You should have one project you can talk about at great lengths with an employer. I suggest one, and not two, because it makes it easier for a potential employer to say "Oh he/she was that person that built X project". It's easier to remember than "Oh he/she was that person that built A,B, and C projects"
Also, if you're coming from a different career, consider building something related to that field. It tells a story of how you are transitioning from one career to the next.
But if you truly don't have any ideas, feel free to add new features to a tutorial project and make it unique. Or, check out these recommendations for ideas:
Make sure the project you build looks really clean on the frontend, I suggest using a CSS framework like MaterialUI, Bootstrap, or Tailwinds. It's the first impression someone makes on your project if it's structured well. You could have an ugly frontend and a beautiful backend, but it won't be appreciated as much.
Part 7 - Be a part of a tech community
I recommend listening to podcasts during your drive to work or commutes. This should be done in parallel in my experience from parts 1 to 6. You'll gain a huge amount of insight on how experienced developers communicate with each other, and pick up knowledge you wouldn't have otherwise gotten anywhere else.
Podcasts I recommend:
- code chefs - My personal podcast
- syntax.fm - Heavily frontend focused
- coding blocks - A really good friend of mine runs this, it's computer science + backend heavy focused
- tech jr - Lots of career related topics
Also, I recommend joining your local tech community. If you live in the middle of nowhere, there are still options for you!
First check out a list of slack channels out there: Github city slack channels
And join your local tech meetups in town
And I also recommend writing about what you learn along the way on dev.to, or your own personal blog. Feel free to use my site as an example and fork the source code here.
Blogging is a good way to reflect on what you learn and to show a potential employer what you know
Here's a quick recap summary for courses I recommend to take in that order:
- Learn basic computer science - Harvard's CS50
- Get a grasp on a full-stack app built - MERN Stack front to back
- Get good at React - FreeCodeCamp - Frontend Libraries Certification (300 hours).
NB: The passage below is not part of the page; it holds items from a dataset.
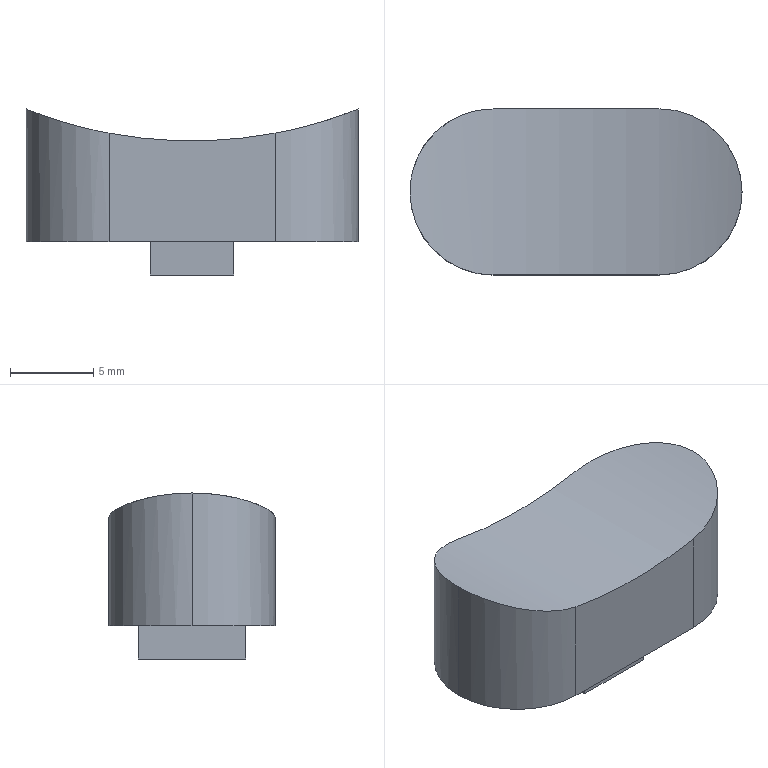Component | SolidWorks | 1UnitDrawer-1_DrawerPanelCloseButton-1 | 1 solid | 16 faces | box 20 x 10 x 10 mm | volume 1218 mm3 | plane 9 | cylinder 7 | commonest cylinder face diameters 10 x4 4 x2 53.852 x1
STEP:
#1=CARTESIAN_POINT('',(-69.695,-8.295,16.457));
#2=VERTEX_POINT('',#1);
#3=CARTESIAN_POINT('',(-69.695,-8.138,16.457));
#4=VERTEX_POINT('',#3);
#5=CARTESIAN_POINT('',(-69.695,-8.216,16.457));
#6=DIRECTION('',(0.,-0.,-1.));
#7=DIRECTION('',(0.,1.,0.));
#8=AXIS2_PLACEMENT_3D('',#5,#6,#7);
#9=CIRCLE('',#8,0.07874);
#10=EDGE_CURVE('',#2,#4,#9,.T.);
#11=ORIENTED_EDGE('',*,*,#10,.T.);
#12=CARTESIAN_POINT('',(-69.695,-8.138,16.535));
#13=VERTEX_POINT('',#12);
#14=CARTESIAN_POINT('',(-69.695,-8.138,16.457));
#15=DIRECTION('',(-0.,0.,1.));
#16=VECTOR('',#15,39.37);
#17=LINE('',#14,#16);
#18=EDGE_CURVE('',#4,#13,#17,.T.);
#19=ORIENTED_EDGE('',*,*,#18,.T.);
#20=CARTESIAN_POINT('',(-69.695,-8.295,16.535));
#21=VERTEX_POINT('',#20);
#22=CARTESIAN_POINT('',(-69.695,-8.216,16.535));
#23=DIRECTION('',(0.,-0.,-1.));
#24=DIRECTION('',(0.,1.,0.));
#25=AXIS2_PLACEMENT_3D('',#22,#23,#24);
#26=CIRCLE('',#25,0.07874);
#27=EDGE_CURVE('',#21,#13,#26,.T.);
#28=ORIENTED_EDGE('',*,*,#27,.F.);
#29=CARTESIAN_POINT('',(-69.695,-8.295,16.457));
#30=DIRECTION('',(-0.,0.,1.));
#31=VECTOR('',#30,39.37);
#32=LINE('',#29,#31);
#33=EDGE_CURVE('',#2,#21,#32,.T.);
#34=ORIENTED_EDGE('',*,*,#33,.F.);
#35=EDGE_LOOP('',(#11,#19,#28,#34));
#36=FACE_OUTER_BOUND('',#35,.T.);
#37=CARTESIAN_POINT('',(-69.695,-8.216,16.457));
#38=DIRECTION('',(-0.,0.,1.));
#39=DIRECTION('',(0.,-1.,0.));
#40=AXIS2_PLACEMENT_3D('',#37,#38,#39);
#41=CYLINDRICAL_SURFACE('',#40,0.07874);
#42=ADVANCED_FACE('',(#36),#41,.F.);
#43=CARTESIAN_POINT('',(-69.891,-8.019,16.535));
#44=VERTEX_POINT('',#43);
#45=CARTESIAN_POINT('',(-69.498,-8.019,16.535));
#46=VERTEX_POINT('',#45);
#47=CARTESIAN_POINT('',(-69.301,-8.019,16.535));
#48=DIRECTION('',(1.,0.,0.));
#49=VECTOR('',#48,39.37);
#50=LINE('',#47,#49);
#51=EDGE_CURVE('',#44,#46,#50,.T.);
#52=ORIENTED_EDGE('',*,*,#51,.T.);
#53=CARTESIAN_POINT('',(-69.301,-8.216,16.535));
#54=VERTEX_POINT('',#53);
#55=CARTESIAN_POINT('',(-69.498,-8.216,16.535));
#56=DIRECTION('',(0.,-0.,-1.));
#57=DIRECTION('',(0.,-1.,0.));
#58=AXIS2_PLACEMENT_3D('',#55,#56,#57);
#59=CIRCLE('',#58,0.1969);
#60=EDGE_CURVE('',#46,#54,#59,.T.);
#61=ORIENTED_EDGE('',*,*,#60,.T.);
#62=CARTESIAN_POINT('',(-69.498,-8.413,16.535));
#63=VERTEX_POINT('',#62);
#64=CARTESIAN_POINT('',(-69.498,-8.216,16.535));
#65=DIRECTION('',(0.,-0.,-1.));
#66=DIRECTION('',(0.,-1.,0.));
#67=AXIS2_PLACEMENT_3D('',#64,#65,#66);
#68=CIRCLE('',#67,0.1969);
#69=EDGE_CURVE('',#54,#63,#68,.T.);
#70=ORIENTED_EDGE('',*,*,#69,.T.);
#71=CARTESIAN_POINT('',(-69.891,-8.413,16.535));
#72=VERTEX_POINT('',#71);
#73=CARTESIAN_POINT('',(-69.301,-8.413,16.535));
#74=DIRECTION('',(1.,0.,0.));
#75=VECTOR('',#74,39.37);
#76=LINE('',#73,#75);
#77=EDGE_CURVE('',#72,#63,#76,.T.);
#78=ORIENTED_EDGE('',*,*,#77,.F.);
#79=CARTESIAN_POINT('',(-70.088,-8.216,16.535));
#80=VERTEX_POINT('',#79);
#81=CARTESIAN_POINT('',(-69.891,-8.216,16.535));
#82=DIRECTION('',(0.,-0.,-1.));
#83=DIRECTION('',(0.,-1.,0.));
#84=AXIS2_PLACEMENT_3D('',#81,#82,#83);
#85=CIRCLE('',#84,0.1969);
#86=EDGE_CURVE('',#72,#80,#85,.T.);
#87=ORIENTED_EDGE('',*,*,#86,.T.);
#88=CARTESIAN_POINT('',(-69.891,-8.216,16.535));
#89=DIRECTION('',(0.,-0.,-1.));
#90=DIRECTION('',(0.,-1.,0.));
#91=AXIS2_PLACEMENT_3D('',#88,#89,#90);
#92=CIRCLE('',#91,0.1969);
#93=EDGE_CURVE('',#80,#44,#92,.T.);
#94=ORIENTED_EDGE('',*,*,#93,.T.);
#95=EDGE_LOOP('',(#52,#61,#70,#78,#87,#94));
#96=FACE_OUTER_BOUND('',#95,.T.);
#97=CARTESIAN_POINT('',(-69.596,-8.088,16.535));
#98=VERTEX_POINT('',#97);
#99=CARTESIAN_POINT('',(-69.596,-8.344,16.535));
#100=VERTEX_POINT('',#99);
#101=CARTESIAN_POINT('',(-69.596,-8.088,16.535));
#102=DIRECTION('',(0.,-1.,0.));
#103=VECTOR('',#102,39.37);
#104=LINE('',#101,#103);
#105=EDGE_CURVE('',#98,#100,#104,.T.);
#106=ORIENTED_EDGE('',*,*,#105,.F.);
#107=CARTESIAN_POINT('',(-69.793,-8.088,16.535));
#108=VERTEX_POINT('',#107);
#109=CARTESIAN_POINT('',(-69.793,-8.088,16.535));
#110=DIRECTION('',(1.,0.,0.));
#111=VECTOR('',#110,39.37);
#112=LINE('',#109,#111);
#113=EDGE_CURVE('',#108,#98,#112,.T.);
#114=ORIENTED_EDGE('',*,*,#113,.F.);
#115=CARTESIAN_POINT('',(-69.793,-8.344,16.535));
#116=VERTEX_POINT('',#115);
#117=CARTESIAN_POINT('',(-69.793,-8.088,16.535));
#118=DIRECTION('',(-0.,1.,-0.));
#119=VECTOR('',#118,39.37);
#120=LINE('',#117,#119);
#121=EDGE_CURVE('',#116,#108,#120,.T.);
#122=ORIENTED_EDGE('',*,*,#121,.F.);
#123=CARTESIAN_POINT('',(-69.793,-8.344,16.535));
#124=DIRECTION('',(-1.,-0.,-0.));
#125=VECTOR('',#124,39.37);
#126=LINE('',#123,#125);
#127=EDGE_CURVE('',#100,#116,#126,.T.);
#128=ORIENTED_EDGE('',*,*,#127,.F.);
#129=EDGE_LOOP('',(#106,#114,#122,#128));
#130=FACE_BOUND('',#129,.T.);
#131=CARTESIAN_POINT('',(-69.301,-8.413,16.535));
#132=DIRECTION('',(-0.,0.,1.));
#133=DIRECTION('',(0.,-1.,0.));
#134=AXIS2_PLACEMENT_3D('',#131,#132,#133);
#135=PLANE('',#134);
#136=ADVANCED_FACE('',(#96,#130),#135,.F.);
#137=CARTESIAN_POINT('',(-69.498,-8.413,16.793));
#138=VERTEX_POINT('',#137);
#139=CARTESIAN_POINT('',(-69.301,-8.216,16.85));
#140=VERTEX_POINT('',#139);
#141=CARTESIAN_POINT('',(-69.498,-8.413,16.793));
#142=CARTESIAN_POINT('',(-69.485,-8.413,16.795));
#143=CARTESIAN_POINT('',(-69.472,-8.412,16.798));
#144=CARTESIAN_POINT('',(-69.453,-8.408,16.802));
#145=CARTESIAN_POINT('',(-69.447,-8.407,16.804));
#146=CARTESIAN_POINT('',(-69.435,-8.403,16.807));
#147=CARTESIAN_POINT('',(-69.429,-8.401,16.808));
#148=CARTESIAN_POINT('',(-69.411,-8.393,16.813));
#149=CARTESIAN_POINT('',(-69.4,-8.387,16.816));
#150=CARTESIAN_POINT('',(-69.378,-8.373,16.823));
#151=CARTESIAN_POINT('',(-69.368,-8.365,16.826));
#152=CARTESIAN_POINT('',(-69.35,-8.347,16.832));
#153=CARTESIAN_POINT('',(-69.342,-8.338,16.835));
#154=CARTESIAN_POINT('',(-69.331,-8.322,16.839));
#155=CARTESIAN_POINT('',(-69.328,-8.316,16.84));
#156=CARTESIAN_POINT('',(-69.322,-8.305,16.842));
#157=CARTESIAN_POINT('',(-69.319,-8.299,16.843));
#158=CARTESIAN_POINT('',(-69.311,-8.281,16.846));
#159=CARTESIAN_POINT('',(-69.307,-8.269,16.848));
#160=CARTESIAN_POINT('',(-69.302,-8.243,16.85));
#161=CARTESIAN_POINT('',(-69.301,-8.23,16.85));
#162=CARTESIAN_POINT('',(-69.301,-8.216,16.85));
#163=B_SPLINE_CURVE_WITH_KNOTS('',3,(#141,#142,#143,#144,#145,#146,#147,#148,#149,#150,#151,#152,#153,#154,#155,#156,#157,#158,#159,#160,#161,#162),.UNSPECIFIED.,.F.,.F.,(4,2,2,2,2,2,2,2,2,2,4),(0.,0.0009953,0.001493,0.001991,0.002986,0.003981,0.004977,0.005474,0.005972,0.006967,0.007963),.UNSPECIFIED.);
#164=EDGE_CURVE('',#138,#140,#163,.T.);
#165=ORIENTED_EDGE('',*,*,#164,.T.);
#166=CARTESIAN_POINT('',(-69.498,-8.019,16.793));
#167=VERTEX_POINT('',#166);
#168=CARTESIAN_POINT('',(-69.301,-8.216,16.85));
#169=CARTESIAN_POINT('',(-69.301,-8.203,16.85));
#170=CARTESIAN_POINT('',(-69.302,-8.19,16.85));
#171=CARTESIAN_POINT('',(-69.307,-8.164,16.848));
#172=CARTESIAN_POINT('',(-69.311,-8.152,16.846));
#173=CARTESIAN_POINT('',(-69.321,-8.128,16.842));
#174=CARTESIAN_POINT('',(-69.327,-8.117,16.84));
#175=CARTESIAN_POINT('',(-69.342,-8.095,16.835));
#176=CARTESIAN_POINT('',(-69.35,-8.085,16.832));
#177=CARTESIAN_POINT('',(-69.368,-8.067,16.826));
#178=CARTESIAN_POINT('',(-69.378,-8.059,16.823));
#179=CARTESIAN_POINT('',(-69.4,-8.045,16.816));
#180=CARTESIAN_POINT('',(-69.411,-8.039,16.813));
#181=CARTESIAN_POINT('',(-69.434,-8.029,16.807));
#182=CARTESIAN_POINT('',(-69.447,-8.026,16.804));
#183=CARTESIAN_POINT('',(-69.472,-8.021,16.798));
#184=CARTESIAN_POINT('',(-69.485,-8.019,16.795));
#185=CARTESIAN_POINT('',(-69.498,-8.019,16.793));
#186=B_SPLINE_CURVE_WITH_KNOTS('',3,(#168,#169,#170,#171,#172,#173,#174,#175,#176,#177,#178,#179,#180,#181,#182,#183,#184,#185),.UNSPECIFIED.,.F.,.F.,(4,2,2,2,2,2,2,2,4),(0.,0.0009953,0.001991,0.002986,0.003981,0.004977,0.005972,0.006967,0.007963),.UNSPECIFIED.);
#187=EDGE_CURVE('',#140,#167,#186,.T.);
#188=ORIENTED_EDGE('',*,*,#187,.T.);
#189=CARTESIAN_POINT('',(-69.891,-8.019,16.793));
#190=VERTEX_POINT('',#189);
#191=CARTESIAN_POINT('',(-69.695,-8.019,17.835));
#192=DIRECTION('',(-0.,1.,-0.));
#193=DIRECTION('',(-1.,-0.,0.));
#194=AXIS2_PLACEMENT_3D('',#191,#192,#193);
#195=CIRCLE('',#194,1.06);
#196=EDGE_CURVE('',#167,#190,#195,.T.);
#197=ORIENTED_EDGE('',*,*,#196,.T.);
#198=CARTESIAN_POINT('',(-70.088,-8.216,16.85));
#199=VERTEX_POINT('',#198);
#200=CARTESIAN_POINT('',(-69.891,-8.019,16.793));
#201=CARTESIAN_POINT('',(-69.904,-8.019,16.795));
#202=CARTESIAN_POINT('',(-69.917,-8.021,16.798));
#203=CARTESIAN_POINT('',(-69.936,-8.024,16.802));
#204=CARTESIAN_POINT('',(-69.942,-8.026,16.804));
#205=CARTESIAN_POINT('',(-69.954,-8.03,16.807));
#206=CARTESIAN_POINT('',(-69.96,-8.032,16.808));
#207=CARTESIAN_POINT('',(-69.978,-8.039,16.813));
#208=CARTESIAN_POINT('',(-69.989,-8.045,16.816));
#209=CARTESIAN_POINT('',(-70.011,-8.059,16.823));
#210=CARTESIAN_POINT('',(-70.021,-8.067,16.826));
#211=CARTESIAN_POINT('',(-70.039,-8.085,16.832));
#212=CARTESIAN_POINT('',(-70.047,-8.095,16.835));
#213=CARTESIAN_POINT('',(-70.058,-8.111,16.839));
#214=CARTESIAN_POINT('',(-70.061,-8.117,16.84));
#215=CARTESIAN_POINT('',(-70.067,-8.128,16.842));
#216=CARTESIAN_POINT('',(-70.07,-8.134,16.843));
#217=CARTESIAN_POINT('',(-70.078,-8.152,16.846));
#218=CARTESIAN_POINT('',(-70.082,-8.164,16.848));
#219=CARTESIAN_POINT('',(-70.087,-8.19,16.85));
#220=CARTESIAN_POINT('',(-70.088,-8.203,16.85));
#221=CARTESIAN_POINT('',(-70.088,-8.216,16.85));
#222=B_SPLINE_CURVE_WITH_KNOTS('',3,(#200,#201,#202,#203,#204,#205,#206,#207,#208,#209,#210,#211,#212,#213,#214,#215,#216,#217,#218,#219,#220,#221),.UNSPECIFIED.,.F.,.F.,(4,2,2,2,2,2,2,2,2,2,4),(0.,0.0009953,0.001493,0.001991,0.002986,0.003981,0.004977,0.005474,0.005972,0.006967,0.007963),.UNSPECIFIED.);
#223=EDGE_CURVE('',#190,#199,#222,.T.);
#224=ORIENTED_EDGE('',*,*,#223,.T.);
#225=CARTESIAN_POINT('',(-69.891,-8.413,16.793));
#226=VERTEX_POINT('',#225);
#227=CARTESIAN_POINT('',(-70.088,-8.216,16.85));
#228=CARTESIAN_POINT('',(-70.088,-8.23,16.85));
#229=CARTESIAN_POINT('',(-70.087,-8.243,16.85));
#230=CARTESIAN_POINT('',(-70.082,-8.268,16.848));
#231=CARTESIAN_POINT('',(-70.078,-8.281,16.846));
#232=CARTESIAN_POINT('',(-70.068,-8.305,16.842));
#233=CARTESIAN_POINT('',(-70.062,-8.316,16.84));
#234=CARTESIAN_POINT('',(-70.047,-8.337,16.835));
#235=CARTESIAN_POINT('',(-70.039,-8.347,16.832));
#236=CARTESIAN_POINT('',(-70.021,-8.365,16.826));
#237=CARTESIAN_POINT('',(-70.011,-8.373,16.823));
#238=CARTESIAN_POINT('',(-69.989,-8.387,16.816));
#239=CARTESIAN_POINT('',(-69.978,-8.393,16.813));
#240=CARTESIAN_POINT('',(-69.955,-8.403,16.807));
#241=CARTESIAN_POINT('',(-69.942,-8.407,16.804));
#242=CARTESIAN_POINT('',(-69.917,-8.412,16.798));
#243=CARTESIAN_POINT('',(-69.904,-8.413,16.795));
#244=CARTESIAN_POINT('',(-69.891,-8.413,16.793));
#245=B_SPLINE_CURVE_WITH_KNOTS('',3,(#227,#228,#229,#230,#231,#232,#233,#234,#235,#236,#237,#238,#239,#240,#241,#242,#243,#244),.UNSPECIFIED.,.F.,.F.,(4,2,2,2,2,2,2,2,4),(0.,0.0009953,0.001991,0.002986,0.003981,0.004977,0.005972,0.006967,0.007963),.UNSPECIFIED.);
#246=EDGE_CURVE('',#199,#226,#245,.T.);
#247=ORIENTED_EDGE('',*,*,#246,.T.);
#248=CARTESIAN_POINT('',(-69.695,-8.413,17.835));
#249=DIRECTION('',(-0.,1.,-0.));
#250=DIRECTION('',(-1.,-0.,0.));
#251=AXIS2_PLACEMENT_3D('',#248,#249,#250);
#252=CIRCLE('',#251,1.06);
#253=EDGE_CURVE('',#138,#226,#252,.T.);
#254=ORIENTED_EDGE('',*,*,#253,.F.);
#255=EDGE_LOOP('',(#165,#188,#197,#224,#247,#254));
#256=FACE_OUTER_BOUND('',#255,.T.);
#257=CARTESIAN_POINT('',(-69.695,-8.413,17.835));
#258=DIRECTION('',(-0.,1.,-0.));
#259=DIRECTION('',(-1.,-0.,0.));
#260=AXIS2_PLACEMENT_3D('',#257,#258,#259);
#261=CYLINDRICAL_SURFACE('',#260,1.06);
#262=ADVANCED_FACE('',(#256),#261,.F.);
#263=ORIENTED_EDGE('',*,*,#77,.T.);
#264=CARTESIAN_POINT('',(-69.498,-8.413,17.835));
#265=DIRECTION('',(-0.,0.,1.));
#266=VECTOR('',#265,39.37);
#267=LINE('',#264,#266);
#268=EDGE_CURVE('',#63,#138,#267,.T.);
#269=ORIENTED_EDGE('',*,*,#268,.T.);
#270=ORIENTED_EDGE('',*,*,#253,.T.);
#271=CARTESIAN_POINT('',(-69.891,-8.413,17.835));
#272=DIRECTION('',(0.,-0.,-1.));
#273=VECTOR('',#272,39.37);
#274=LINE('',#271,#273);
#275=EDGE_CURVE('',#226,#72,#274,.T.);
#276=ORIENTED_EDGE('',*,*,#275,.T.);
#277=EDGE_LOOP('',(#263,#269,#270,#276));
#278=FACE_OUTER_BOUND('',#277,.T.);
#279=CARTESIAN_POINT('',(-69.695,-8.413,17.835));
#280=DIRECTION('',(-0.,1.,-0.));
#281=DIRECTION('',(-1.,-0.,-0.));
#282=AXIS2_PLACEMENT_3D('',#279,#280,#281);
#283=PLANE('',#282);
#284=ADVANCED_FACE('',(#278),#283,.F.);
#285=ORIENTED_EDGE('',*,*,#196,.F.);
#286=CARTESIAN_POINT('',(-69.498,-8.019,16.535));
#287=DIRECTION('',(0.,-0.,-1.));
#288=VECTOR('',#287,39.37);
#289=LINE('',#286,#288);
#290=EDGE_CURVE('',#167,#46,#289,.T.);
#291=ORIENTED_EDGE('',*,*,#290,.T.);
#292=ORIENTED_EDGE('',*,*,#51,.F.);
#293=CARTESIAN_POINT('',(-69.891,-8.019,16.85));
#294=DIRECTION('',(-0.,0.,1.));
#295=VECTOR('',#294,39.37);
#296=LINE('',#293,#295);
#297=EDGE_CURVE('',#44,#190,#296,.T.);
#298=ORIENTED_EDGE('',*,*,#297,.T.);
#299=EDGE_LOOP('',(#285,#291,#292,#298));
#300=FACE_OUTER_BOUND('',#299,.T.);
#301=CARTESIAN_POINT('',(-69.695,-8.019,17.835));
#302=DIRECTION('',(-0.,1.,-0.));
#303=DIRECTION('',(-1.,-0.,-0.));
#304=AXIS2_PLACEMENT_3D('',#301,#302,#303);
#305=PLANE('',#304);
#306=ADVANCED_FACE('',(#300),#305,.T.);
#307=ORIENTED_EDGE('',*,*,#268,.F.);
#308=ORIENTED_EDGE('',*,*,#69,.F.);
#309=CARTESIAN_POINT('',(-69.301,-8.216,16.535));
#310=DIRECTION('',(0.,-0.,-1.));
#311=VECTOR('',#310,39.37);
#312=LINE('',#309,#311);
#313=EDGE_CURVE('',#140,#54,#312,.T.);
#314=ORIENTED_EDGE('',*,*,#313,.F.);
#315=ORIENTED_EDGE('',*,*,#164,.F.);
#316=EDGE_LOOP('',(#307,#308,#314,#315));
#317=FACE_OUTER_BOUND('',#316,.T.);
#318=CARTESIAN_POINT('',(-69.498,-8.216,17.835));
#319=DIRECTION('',(-0.,0.,1.));
#320=DIRECTION('',(0.,-1.,0.));
#321=AXIS2_PLACEMENT_3D('',#318,#319,#320);
#322=CYLINDRICAL_SURFACE('',#321,0.1969);
#323=ADVANCED_FACE('',(#317),#322,.T.);
#324=ORIENTED_EDGE('',*,*,#60,.F.);
#325=ORIENTED_EDGE('',*,*,#290,.F.);
#326=ORIENTED_EDGE('',*,*,#187,.F.);
#327=ORIENTED_EDGE('',*,*,#313,.T.);
#328=EDGE_LOOP('',(#324,#325,#326,#327));
#329=FACE_OUTER_BOUND('',#328,.T.);
#330=CARTESIAN_POINT('',(-69.498,-8.216,16.535));
#331=DIRECTION('',(0.,-0.,-1.));
#332=DIRECTION('',(0.,1.,-0.));
#333=AXIS2_PLACEMENT_3D('',#330,#331,#332);
#334=CYLINDRICAL_SURFACE('',#333,0.1969);
#335=ADVANCED_FACE('',(#329),#334,.T.);
#336=CARTESIAN_POINT('',(-70.088,-8.216,16.535));
#337=DIRECTION('',(0.,-0.,-1.));
#338=VECTOR('',#337,39.37);
#339=LINE('',#336,#338);
#340=EDGE_CURVE('',#199,#80,#339,.T.);
#341=ORIENTED_EDGE('',*,*,#340,.F.);
#342=ORIENTED_EDGE('',*,*,#223,.F.);
#343=ORIENTED_EDGE('',*,*,#297,.F.);
#344=ORIENTED_EDGE('',*,*,#93,.F.);
#345=EDGE_LOOP('',(#341,#342,#343,#344));
#346=FACE_OUTER_BOUND('',#345,.T.);
#347=CARTESIAN_POINT('',(-69.891,-8.216,16.535));
#348=DIRECTION('',(-0.,0.,1.));
#349=DIRECTION('',(0.,-1.,0.));
#350=AXIS2_PLACEMENT_3D('',#347,#348,#349);
#351=CYLINDRICAL_SURFACE('',#350,0.1969);
#352=ADVANCED_FACE('',(#346),#351,.T.);
#353=ORIENTED_EDGE('',*,*,#246,.F.);
#354=ORIENTED_EDGE('',*,*,#340,.T.);
#355=ORIENTED_EDGE('',*,*,#86,.F.);
#356=ORIENTED_EDGE('',*,*,#275,.F.);
#357=EDGE_LOOP('',(#353,#354,#355,#356));
#358=FACE_OUTER_BOUND('',#357,.T.);
#359=CARTESIAN_POINT('',(-69.891,-8.216,17.835));
#360=DIRECTION('',(0.,-0.,-1.));
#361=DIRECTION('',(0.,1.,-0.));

And this course in parallel: Max Schwartz. I would also watch the introductory topics from here, but you don't need to finish this one: Stephen Griders - Modern React Redux
- Apply skills in a team setting - Chingu cohorts and Hackathons
- Showcase your work - Build your capstone project
- Pick up everything else you missed - Be a part of your local tech scene, podcasts, and meetups
Everyone has a different learning style, but this is the learning path I would have told myself a few years ago. It covers the foundations really well, in a short time frame for a job skill that'll still be in demand years from now.
NOTE: Also if you're on a budget, always buy the Udemy courses when they're on sale. Don't get them for more than $10 to $15 each. Make a new account under a new email, clear your cookies, and you can always get the first course for that price. You shouldn't have to spend more than $50 on all these courses in total.